In lieu of the hot backup procedure using pg_start_backup and pg_stop_backup, some users opt to use a SAN or some other storage technology to make an instantaneous snapshot of the state of the database. When PostgreSQL is started on the backup directory, it will appear to the server that the system crashed at the instant the snapshot was taken, and crash recovery will return the system to a working state, without corruption. The PostgreSQL documentation on File System Level Backup describes this as taking a "consistent snapshot". The trick is that it's only reliable if the snapshot is truly instantaneous. If it's not - you guessed it - you may end up with a corrupted database. This can be particularly tricky to manage when you have multiple tablespaces spread across several different file systems.
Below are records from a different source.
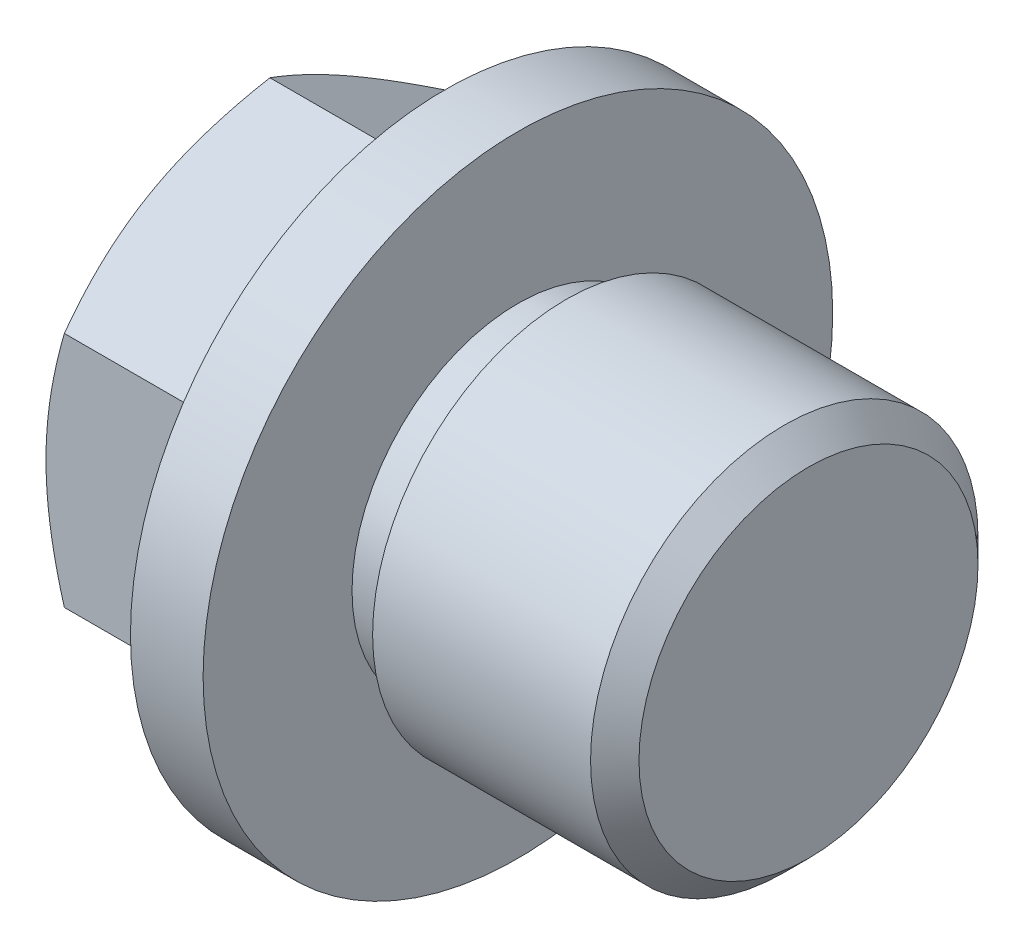
SolidWorks part; units mm, degrees
ref_plane "Front Plane" through (0, 0, 0) normal (0, 0, 1) x (1, 0, 0)
ref_plane "Top Plane" through (0, 0, 0) normal (0, 1, 0) x (1, 0, 0)
ref_plane "Right Plane" through (0, 0, 0) normal (1, 0, 0) x (0, 0, -1)
sketch "Sketch2" plane through (0, 0, 0) normal (1, 0, 0) x (0, 0, -1)
  line L1 (8.487, -4.9) -> (8.487, 4.9)
  line L2 (8.487, 4.9) -> (0, 9.8)
  line L3 (0, 9.8) -> (-8.487, 4.9)
  line L4 (-8.487, 4.9) -> (-8.487, -4.9)
  line L5 (-8.487, -4.9) -> (0, -9.8)
  line L6 (0, -9.8) -> (8.487, -4.9)
  circle A0 centre (0, 0) radius 8.487 construction
  dimension "D1" = 19.6
extrude "Boss-Extrude1" add sketch "Sketch2" along normal blind 8
sketch "Sketch3" plane through (0, 0, 0) normal (0, 1, 0) x (1, 0, 0)
  line L0 (0, -8.487) -> (0, -27.1669)
  line L1 (0, -27.1669) -> (10.7848, -27.1669)
  line L2 (10.7848, -27.1669) -> (0, -8.487)
  line L3 (0, 0) -> (0, -8.487) construction
  line L4 (0, 0) -> (19.1271, 0) construction
  dimension "D1" = 30
revolve "Cut-Revolve1" cut sketch "Sketch3" angle 360 about L4
sketch "Sketch4" plane through (0, 0, 0) normal (0, 0, 1) x (1, 0, 0)
  line L0 (8, 0) -> (8, 13)
  line L1 (8, 4.9) -> (8, -4.9) construction
  line L2 (8, 13) -> (11, 13)
  line L3 (11, 13) -> (11, 6.85)
  line L4 (11, 6.85) -> (13, 6.85)
  line L5 (13, 6.85) -> (13, 8)
  line L6 (13, 8) -> (23, 8)
  line L7 (23, 8) -> (23, 0)
  line L8 (23, 0) -> (8, 0)
  line L9 (-2.2123, 0) -> (23.9669, 0) construction
  dimension "D1" = 26
  dimension "D2" = 16
  dimension "D3" = 13.7
  dimension "D4" = 2
  dimension "D5" = 23
  dimension "D6" = 3
revolve "Revolve1" add sketch "Sketch4" angle 360 about L9
cosmetic thread "Cosmetic Thread1" parameters "D2"=13.6
chamfer "Chamfer1" distance 1 angle 45 1 edges at (23, 0, 8)
sketch "Sketch5" plane through (0, 0, 0) normal (-1, 0, 0) x (0, 0, 1)
  line L0 (-6.061, -1.4568) -> (6.4567, -1.0252) construction
  text T0 "放油螺栓" font "汉仪长仿宋体" height in points 6
extrude "Boss-Extrude2" add sketch "Sketch5" along normal blind 0.1

You can also end up with a corrupted database after using pg_resetxlog. If you're unlucky enough to have to use pg_resetxlog, you should use pg_dump to backup and restore your database. Any error that's serious enough to require pg_resetxlog is probably also serious enough to have chewed up your data; it is unwise to rely on the state of the database not being corrupted in any other way.
If you're pretty sure that your hardware is good, your writes are reliable (or you haven't had any crashes), your backup procedures are impeccable (or you've never restored from backup), and you've never run pg_resetxlog, then you might have found a server bug (example, patch). Detailed bug reports are always appreciated, so that we can try to fix the problem.